Report: Teen Dies From Sex Change Surgery Complications During Dutch Study

Content Warning: Some of the information, links, and references used to support claims made in this article may not be appropriate for young readers.
A Dutch study conducted in 2016 described the death of an 18-year-old boy who passed away from complications following an elective sex-change surgery.
The 18-year-old boy identified as a female and was placed on puberty blockers during adolescence. Researchers say this extended use of puberty blockers caused post-operation complications. The boy was scheduled to receive a vaginoplasty, a “gender-affirming” surgery that dismantles and reconstructs male genitalia to more closely resemble a female.
A standard “gender-affirming” vaginoplasty procedure has several risks, which are often downplayed and sterilized by the medical community. Because of this, the recipients of “gender-affirming” procedures are often unaware of the severe consequences a medical transition can have and instead are sold on the promise of reducing feelings of gender dysmorphia — which is not often the case.
Researchers described the boy in the study as a “healthy transgender female;” however, a “standard vaginoplasty surgery was ‘not feasible’ due to having undeveloped genitals as a result of early puberty suppression,” the Post Millennial explains.
“Transgender women with early-onset gender dysphoria, treated with puberty suppressing hormones, report fewer behavioral and emotional problems and an improvement of general functioning.”
Dutch Study — Negenborn VL, van der Sluis WB, Meijerink WJHJ, Bouman MB
“Major complications began within 24 hours of surgery,” the Post Millennial reports, “necrotizing fasciitis was confirmed in the days that followed. Despite large doses of intravenous antibiotics and ‘repeated surgical debridement,’ the previously healthy patient went into multiple organ failure and died.”
The report states that the death was caused by an E-Coli strain which likely originated from the patient’s intestines, not the hospital, which confirms the researchers’ assumption that years of puberty-blocking treatments ultimately caused the boy’s death.
The truth is, sex change surgeries are gruesome procedures that tear apart healthy body tissue and destroy bodily functions. Even when the procedure goes as planned, lifelong urological follow-up care is often needed, and stenosis, nerve injury, and infection are all common side effects.
A separate case study recorded a 50-year-old man who “transitioned” in his adult life and underwent a feminine sex change procedure which caused him years of severe pain. After his surgery, he suffered from meatal stenosis and stress incontinence predominating (inability to control the bladder) for multiple years. Eventually, the patient needed to undergo two additional procedures to remove “residual erectile tissue” and insert a “pubo-vaginal sling using autologous rectus sheath.”
In one medical survey conducted by PRS Global Open, researchers asked 30 subjects 21 questions before they underwent male-to-female transition surgeries, and one, three, six, and 12 month post-op follow-ups. In addition to questions regarding quality of life, researchers asked patients to self-report any lower urinary tract symptoms (LUTS).

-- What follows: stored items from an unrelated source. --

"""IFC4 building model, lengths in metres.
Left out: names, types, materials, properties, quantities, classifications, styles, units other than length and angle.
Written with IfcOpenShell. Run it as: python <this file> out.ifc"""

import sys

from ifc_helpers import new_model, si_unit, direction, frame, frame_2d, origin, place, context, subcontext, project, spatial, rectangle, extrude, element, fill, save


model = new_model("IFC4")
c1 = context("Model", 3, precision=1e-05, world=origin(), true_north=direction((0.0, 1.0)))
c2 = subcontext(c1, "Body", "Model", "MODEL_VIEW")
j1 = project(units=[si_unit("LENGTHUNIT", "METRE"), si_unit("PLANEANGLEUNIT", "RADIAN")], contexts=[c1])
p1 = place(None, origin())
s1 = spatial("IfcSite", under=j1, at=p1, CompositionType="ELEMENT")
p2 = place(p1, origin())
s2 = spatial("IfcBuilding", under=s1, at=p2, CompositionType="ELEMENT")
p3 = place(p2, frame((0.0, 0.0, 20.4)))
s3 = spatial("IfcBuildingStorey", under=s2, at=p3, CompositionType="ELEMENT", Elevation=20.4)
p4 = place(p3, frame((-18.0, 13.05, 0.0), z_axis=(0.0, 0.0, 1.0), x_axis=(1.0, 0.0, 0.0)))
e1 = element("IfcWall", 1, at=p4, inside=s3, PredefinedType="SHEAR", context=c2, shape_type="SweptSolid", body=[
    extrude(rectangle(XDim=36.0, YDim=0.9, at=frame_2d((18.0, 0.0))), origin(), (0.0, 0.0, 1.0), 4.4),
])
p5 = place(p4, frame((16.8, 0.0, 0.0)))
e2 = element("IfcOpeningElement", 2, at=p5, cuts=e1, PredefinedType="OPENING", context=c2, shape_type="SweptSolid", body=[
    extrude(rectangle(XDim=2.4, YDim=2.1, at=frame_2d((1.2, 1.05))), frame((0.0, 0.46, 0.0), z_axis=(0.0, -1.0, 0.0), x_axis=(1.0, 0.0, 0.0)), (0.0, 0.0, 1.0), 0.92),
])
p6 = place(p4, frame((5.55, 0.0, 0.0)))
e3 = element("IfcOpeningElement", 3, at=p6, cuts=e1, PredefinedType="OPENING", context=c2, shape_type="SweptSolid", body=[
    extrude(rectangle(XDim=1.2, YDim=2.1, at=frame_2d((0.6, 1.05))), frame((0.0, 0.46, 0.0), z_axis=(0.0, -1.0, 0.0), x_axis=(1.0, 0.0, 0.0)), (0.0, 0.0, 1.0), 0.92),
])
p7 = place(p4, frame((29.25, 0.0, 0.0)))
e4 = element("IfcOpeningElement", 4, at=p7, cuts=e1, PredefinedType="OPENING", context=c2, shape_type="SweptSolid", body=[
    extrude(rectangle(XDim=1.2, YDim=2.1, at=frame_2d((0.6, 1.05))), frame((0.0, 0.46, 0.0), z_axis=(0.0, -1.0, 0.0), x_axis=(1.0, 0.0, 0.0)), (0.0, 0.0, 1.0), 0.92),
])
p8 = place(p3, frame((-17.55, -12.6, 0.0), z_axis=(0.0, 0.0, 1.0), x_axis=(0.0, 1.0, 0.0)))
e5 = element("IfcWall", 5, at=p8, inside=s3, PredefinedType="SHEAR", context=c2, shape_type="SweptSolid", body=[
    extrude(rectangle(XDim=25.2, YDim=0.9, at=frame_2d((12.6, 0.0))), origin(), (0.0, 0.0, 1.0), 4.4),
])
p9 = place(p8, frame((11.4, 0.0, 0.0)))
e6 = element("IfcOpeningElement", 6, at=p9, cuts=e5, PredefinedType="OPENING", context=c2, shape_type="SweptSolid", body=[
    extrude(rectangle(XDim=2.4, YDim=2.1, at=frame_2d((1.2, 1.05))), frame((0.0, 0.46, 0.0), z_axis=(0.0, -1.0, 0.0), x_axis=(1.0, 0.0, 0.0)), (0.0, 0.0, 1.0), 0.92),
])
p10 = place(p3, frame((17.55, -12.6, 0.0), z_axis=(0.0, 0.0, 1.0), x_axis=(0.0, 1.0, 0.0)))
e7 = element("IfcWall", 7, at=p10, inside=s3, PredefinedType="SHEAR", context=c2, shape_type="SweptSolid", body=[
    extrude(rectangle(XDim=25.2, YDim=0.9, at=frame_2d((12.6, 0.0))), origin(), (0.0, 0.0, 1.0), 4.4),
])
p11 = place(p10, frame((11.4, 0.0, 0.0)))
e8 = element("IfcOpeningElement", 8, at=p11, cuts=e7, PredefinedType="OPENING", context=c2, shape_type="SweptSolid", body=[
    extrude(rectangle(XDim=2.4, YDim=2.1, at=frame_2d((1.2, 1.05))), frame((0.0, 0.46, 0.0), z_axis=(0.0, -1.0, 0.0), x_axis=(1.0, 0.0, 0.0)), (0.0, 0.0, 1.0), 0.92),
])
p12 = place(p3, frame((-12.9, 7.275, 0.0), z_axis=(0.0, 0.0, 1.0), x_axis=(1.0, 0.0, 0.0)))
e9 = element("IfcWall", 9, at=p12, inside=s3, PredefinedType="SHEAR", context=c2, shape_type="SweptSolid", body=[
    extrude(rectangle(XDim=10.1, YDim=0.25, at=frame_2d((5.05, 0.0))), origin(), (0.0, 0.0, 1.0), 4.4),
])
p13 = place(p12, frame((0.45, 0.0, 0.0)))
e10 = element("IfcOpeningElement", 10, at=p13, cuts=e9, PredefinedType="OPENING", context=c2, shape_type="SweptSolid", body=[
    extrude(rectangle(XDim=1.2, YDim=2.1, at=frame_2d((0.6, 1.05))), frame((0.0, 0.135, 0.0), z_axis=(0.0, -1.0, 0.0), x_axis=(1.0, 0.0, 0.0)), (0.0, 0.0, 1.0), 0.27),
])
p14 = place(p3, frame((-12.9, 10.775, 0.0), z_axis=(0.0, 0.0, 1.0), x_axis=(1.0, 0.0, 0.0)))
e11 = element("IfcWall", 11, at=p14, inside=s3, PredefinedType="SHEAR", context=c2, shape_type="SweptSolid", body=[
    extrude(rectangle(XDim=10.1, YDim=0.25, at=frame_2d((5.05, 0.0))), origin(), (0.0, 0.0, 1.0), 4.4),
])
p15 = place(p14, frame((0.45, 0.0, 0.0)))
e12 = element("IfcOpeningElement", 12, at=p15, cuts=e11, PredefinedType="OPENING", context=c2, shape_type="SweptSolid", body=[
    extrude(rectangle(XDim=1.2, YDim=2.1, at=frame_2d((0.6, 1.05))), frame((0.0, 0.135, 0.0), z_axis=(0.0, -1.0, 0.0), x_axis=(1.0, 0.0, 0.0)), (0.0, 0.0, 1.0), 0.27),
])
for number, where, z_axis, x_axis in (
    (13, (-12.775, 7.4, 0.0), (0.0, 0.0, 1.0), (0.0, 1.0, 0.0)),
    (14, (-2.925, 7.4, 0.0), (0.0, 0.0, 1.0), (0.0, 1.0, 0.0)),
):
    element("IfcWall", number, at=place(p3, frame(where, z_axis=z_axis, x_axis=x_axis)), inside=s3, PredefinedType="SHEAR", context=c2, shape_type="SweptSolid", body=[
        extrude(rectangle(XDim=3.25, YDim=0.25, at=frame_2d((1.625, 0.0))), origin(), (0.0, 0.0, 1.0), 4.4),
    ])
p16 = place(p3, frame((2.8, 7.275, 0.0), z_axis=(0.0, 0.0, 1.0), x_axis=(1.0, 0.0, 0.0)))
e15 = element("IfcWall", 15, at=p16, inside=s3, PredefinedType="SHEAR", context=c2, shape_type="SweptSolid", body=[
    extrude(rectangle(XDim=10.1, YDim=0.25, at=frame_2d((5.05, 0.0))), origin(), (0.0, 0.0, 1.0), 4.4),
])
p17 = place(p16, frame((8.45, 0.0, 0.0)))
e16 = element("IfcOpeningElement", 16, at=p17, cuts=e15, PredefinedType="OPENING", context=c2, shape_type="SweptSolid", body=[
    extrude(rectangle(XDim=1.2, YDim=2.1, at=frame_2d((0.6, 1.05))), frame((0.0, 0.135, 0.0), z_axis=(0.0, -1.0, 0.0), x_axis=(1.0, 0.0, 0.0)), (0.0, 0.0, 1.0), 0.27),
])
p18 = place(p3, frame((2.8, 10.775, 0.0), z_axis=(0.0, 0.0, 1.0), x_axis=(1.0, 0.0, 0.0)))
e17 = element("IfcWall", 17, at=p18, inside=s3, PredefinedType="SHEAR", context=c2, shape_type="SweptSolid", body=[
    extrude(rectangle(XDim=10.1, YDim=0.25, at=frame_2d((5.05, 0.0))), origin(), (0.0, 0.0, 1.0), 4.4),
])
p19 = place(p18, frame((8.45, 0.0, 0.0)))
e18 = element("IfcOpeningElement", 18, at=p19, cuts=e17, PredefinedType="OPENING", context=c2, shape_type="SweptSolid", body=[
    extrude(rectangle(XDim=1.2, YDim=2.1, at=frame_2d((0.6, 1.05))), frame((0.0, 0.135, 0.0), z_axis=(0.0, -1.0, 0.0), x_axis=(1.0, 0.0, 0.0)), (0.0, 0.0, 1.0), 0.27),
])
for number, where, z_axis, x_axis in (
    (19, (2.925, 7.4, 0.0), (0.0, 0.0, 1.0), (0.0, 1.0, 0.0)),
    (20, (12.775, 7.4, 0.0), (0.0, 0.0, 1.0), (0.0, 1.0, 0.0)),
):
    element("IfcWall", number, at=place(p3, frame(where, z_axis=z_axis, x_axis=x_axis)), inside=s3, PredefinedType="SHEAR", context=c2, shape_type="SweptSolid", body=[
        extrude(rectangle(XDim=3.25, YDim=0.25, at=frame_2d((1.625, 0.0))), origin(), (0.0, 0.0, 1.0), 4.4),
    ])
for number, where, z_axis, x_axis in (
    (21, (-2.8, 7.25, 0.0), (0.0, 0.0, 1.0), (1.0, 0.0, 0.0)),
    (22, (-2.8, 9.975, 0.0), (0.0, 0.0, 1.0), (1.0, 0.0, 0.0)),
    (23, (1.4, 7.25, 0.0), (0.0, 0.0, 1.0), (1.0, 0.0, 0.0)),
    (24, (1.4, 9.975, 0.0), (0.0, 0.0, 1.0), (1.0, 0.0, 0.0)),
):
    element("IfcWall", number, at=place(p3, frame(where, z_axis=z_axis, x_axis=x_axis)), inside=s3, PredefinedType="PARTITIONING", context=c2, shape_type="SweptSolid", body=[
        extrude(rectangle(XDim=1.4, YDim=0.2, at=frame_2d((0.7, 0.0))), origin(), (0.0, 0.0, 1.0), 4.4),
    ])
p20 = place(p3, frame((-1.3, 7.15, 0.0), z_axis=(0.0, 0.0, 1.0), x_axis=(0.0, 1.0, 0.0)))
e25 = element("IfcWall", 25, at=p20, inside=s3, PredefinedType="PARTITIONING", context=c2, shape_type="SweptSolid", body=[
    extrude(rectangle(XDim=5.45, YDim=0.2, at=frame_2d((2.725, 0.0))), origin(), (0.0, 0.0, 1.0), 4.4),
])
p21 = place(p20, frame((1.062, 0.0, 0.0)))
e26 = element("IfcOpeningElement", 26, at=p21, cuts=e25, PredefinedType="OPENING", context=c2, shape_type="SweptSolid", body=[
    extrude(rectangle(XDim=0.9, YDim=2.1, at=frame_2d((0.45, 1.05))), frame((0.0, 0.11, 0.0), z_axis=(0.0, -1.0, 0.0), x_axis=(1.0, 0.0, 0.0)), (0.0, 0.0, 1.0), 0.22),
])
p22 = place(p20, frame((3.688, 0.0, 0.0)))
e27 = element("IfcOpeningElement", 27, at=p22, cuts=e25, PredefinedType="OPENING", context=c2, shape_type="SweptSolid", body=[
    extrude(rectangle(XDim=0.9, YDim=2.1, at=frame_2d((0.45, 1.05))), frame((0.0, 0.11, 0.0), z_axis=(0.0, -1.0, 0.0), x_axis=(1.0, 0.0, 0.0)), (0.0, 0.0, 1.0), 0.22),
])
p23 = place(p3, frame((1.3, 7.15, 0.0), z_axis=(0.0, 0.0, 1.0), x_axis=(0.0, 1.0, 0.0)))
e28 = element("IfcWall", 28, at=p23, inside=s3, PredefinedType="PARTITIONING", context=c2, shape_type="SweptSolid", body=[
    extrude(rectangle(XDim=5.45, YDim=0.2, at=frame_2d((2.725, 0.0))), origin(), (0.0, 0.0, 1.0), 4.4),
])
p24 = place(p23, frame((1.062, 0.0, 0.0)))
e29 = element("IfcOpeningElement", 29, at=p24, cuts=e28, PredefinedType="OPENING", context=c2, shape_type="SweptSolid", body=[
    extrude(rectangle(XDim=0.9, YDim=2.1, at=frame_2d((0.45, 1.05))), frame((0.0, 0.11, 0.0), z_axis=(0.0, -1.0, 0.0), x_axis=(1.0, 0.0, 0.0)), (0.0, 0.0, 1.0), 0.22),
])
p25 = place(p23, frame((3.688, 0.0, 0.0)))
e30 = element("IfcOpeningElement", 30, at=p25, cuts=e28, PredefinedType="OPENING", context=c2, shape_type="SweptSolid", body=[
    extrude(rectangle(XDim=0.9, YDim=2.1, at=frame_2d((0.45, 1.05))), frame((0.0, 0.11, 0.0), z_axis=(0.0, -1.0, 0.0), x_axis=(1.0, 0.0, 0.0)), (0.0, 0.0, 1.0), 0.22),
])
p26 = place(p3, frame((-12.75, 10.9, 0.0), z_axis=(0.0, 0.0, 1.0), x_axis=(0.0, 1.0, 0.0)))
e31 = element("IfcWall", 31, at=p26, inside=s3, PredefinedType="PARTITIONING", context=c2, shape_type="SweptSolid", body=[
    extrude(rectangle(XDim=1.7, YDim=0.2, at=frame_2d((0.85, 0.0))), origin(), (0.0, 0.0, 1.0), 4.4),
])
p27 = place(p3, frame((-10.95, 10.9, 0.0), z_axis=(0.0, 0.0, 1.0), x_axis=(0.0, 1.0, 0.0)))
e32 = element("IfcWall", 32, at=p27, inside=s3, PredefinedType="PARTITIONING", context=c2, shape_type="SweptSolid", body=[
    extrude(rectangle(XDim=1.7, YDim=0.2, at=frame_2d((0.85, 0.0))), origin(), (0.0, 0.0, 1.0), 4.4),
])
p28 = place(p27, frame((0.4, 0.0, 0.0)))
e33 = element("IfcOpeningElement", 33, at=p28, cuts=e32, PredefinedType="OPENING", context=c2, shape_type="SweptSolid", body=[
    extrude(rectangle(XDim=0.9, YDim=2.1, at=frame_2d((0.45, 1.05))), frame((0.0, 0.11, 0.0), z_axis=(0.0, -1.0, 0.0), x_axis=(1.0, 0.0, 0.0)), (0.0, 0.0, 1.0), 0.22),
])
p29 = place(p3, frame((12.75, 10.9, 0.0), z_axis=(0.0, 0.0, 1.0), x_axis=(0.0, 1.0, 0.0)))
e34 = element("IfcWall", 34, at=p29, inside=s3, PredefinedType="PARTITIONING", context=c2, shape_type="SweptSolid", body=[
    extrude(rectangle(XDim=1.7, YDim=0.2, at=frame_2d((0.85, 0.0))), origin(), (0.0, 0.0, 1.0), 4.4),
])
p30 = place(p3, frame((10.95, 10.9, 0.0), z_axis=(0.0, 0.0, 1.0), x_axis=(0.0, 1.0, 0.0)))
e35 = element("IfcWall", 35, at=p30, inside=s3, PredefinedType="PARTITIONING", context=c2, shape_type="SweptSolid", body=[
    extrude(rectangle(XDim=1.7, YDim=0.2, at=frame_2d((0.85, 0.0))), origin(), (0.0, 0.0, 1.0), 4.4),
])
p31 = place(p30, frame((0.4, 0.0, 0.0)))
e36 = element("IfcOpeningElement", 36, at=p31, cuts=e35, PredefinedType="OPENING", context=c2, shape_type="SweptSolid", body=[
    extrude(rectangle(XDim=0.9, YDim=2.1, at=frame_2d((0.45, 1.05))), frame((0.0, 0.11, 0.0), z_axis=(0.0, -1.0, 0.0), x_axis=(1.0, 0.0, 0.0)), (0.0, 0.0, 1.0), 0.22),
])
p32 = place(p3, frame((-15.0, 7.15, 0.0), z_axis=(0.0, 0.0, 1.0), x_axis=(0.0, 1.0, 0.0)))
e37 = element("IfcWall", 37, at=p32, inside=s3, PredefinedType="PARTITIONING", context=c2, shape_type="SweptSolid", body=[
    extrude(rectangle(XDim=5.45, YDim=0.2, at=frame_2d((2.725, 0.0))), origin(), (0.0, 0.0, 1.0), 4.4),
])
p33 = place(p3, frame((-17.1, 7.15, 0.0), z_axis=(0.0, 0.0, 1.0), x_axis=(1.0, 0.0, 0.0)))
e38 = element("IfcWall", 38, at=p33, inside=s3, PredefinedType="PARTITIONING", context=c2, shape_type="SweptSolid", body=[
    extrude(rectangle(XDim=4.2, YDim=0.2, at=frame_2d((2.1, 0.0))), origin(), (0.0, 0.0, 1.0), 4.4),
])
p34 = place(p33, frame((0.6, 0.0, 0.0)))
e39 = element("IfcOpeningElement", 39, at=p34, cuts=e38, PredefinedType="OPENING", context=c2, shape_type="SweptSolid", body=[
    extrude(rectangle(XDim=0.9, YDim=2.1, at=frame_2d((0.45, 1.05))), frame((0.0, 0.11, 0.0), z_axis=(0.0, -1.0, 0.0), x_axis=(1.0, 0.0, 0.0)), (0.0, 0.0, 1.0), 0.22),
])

Researchers found that more than half of all patients experienced post-op complications or discomfort, but reveled in the fact that “only 3 patients (10%) considered themselves as unhappy” with the procedure. After the short 12-month period, eight patients reported feeling only “slightly satisfied” with the results of the procedure.
The study did not utilize a large sample size of patients to provide more clear and representative results, and did not follow-up with patients more than one year after their procedures. Many patients — like the 50-year old man who underwent a feminization procedure and suffered effects five years later — do not experience complications within the short timeframe provided by the PRS Global Open survey. While the researchers state that “no [other] reports on patient satisfaction after male-to-female (MTF) sex reassignment surgery exist,” the survey which only scratches the surface, summarizes that the results were “encouraging.” The researchers concluded, “Micturition is a problem after surgery, and patients who consider sex reassignment should be informed about these side effects preoperatively.”
Rather than recommending a less invasive approach to treating gender incongruence, the propagators of gender theory continue to encourage vulnerable patents to undergo life-threatening surgeries with the promise of emotional relief. Of course, the very people encouraging these treatments are the same individuals and organizations turning a profit from the destruction of people’s lives.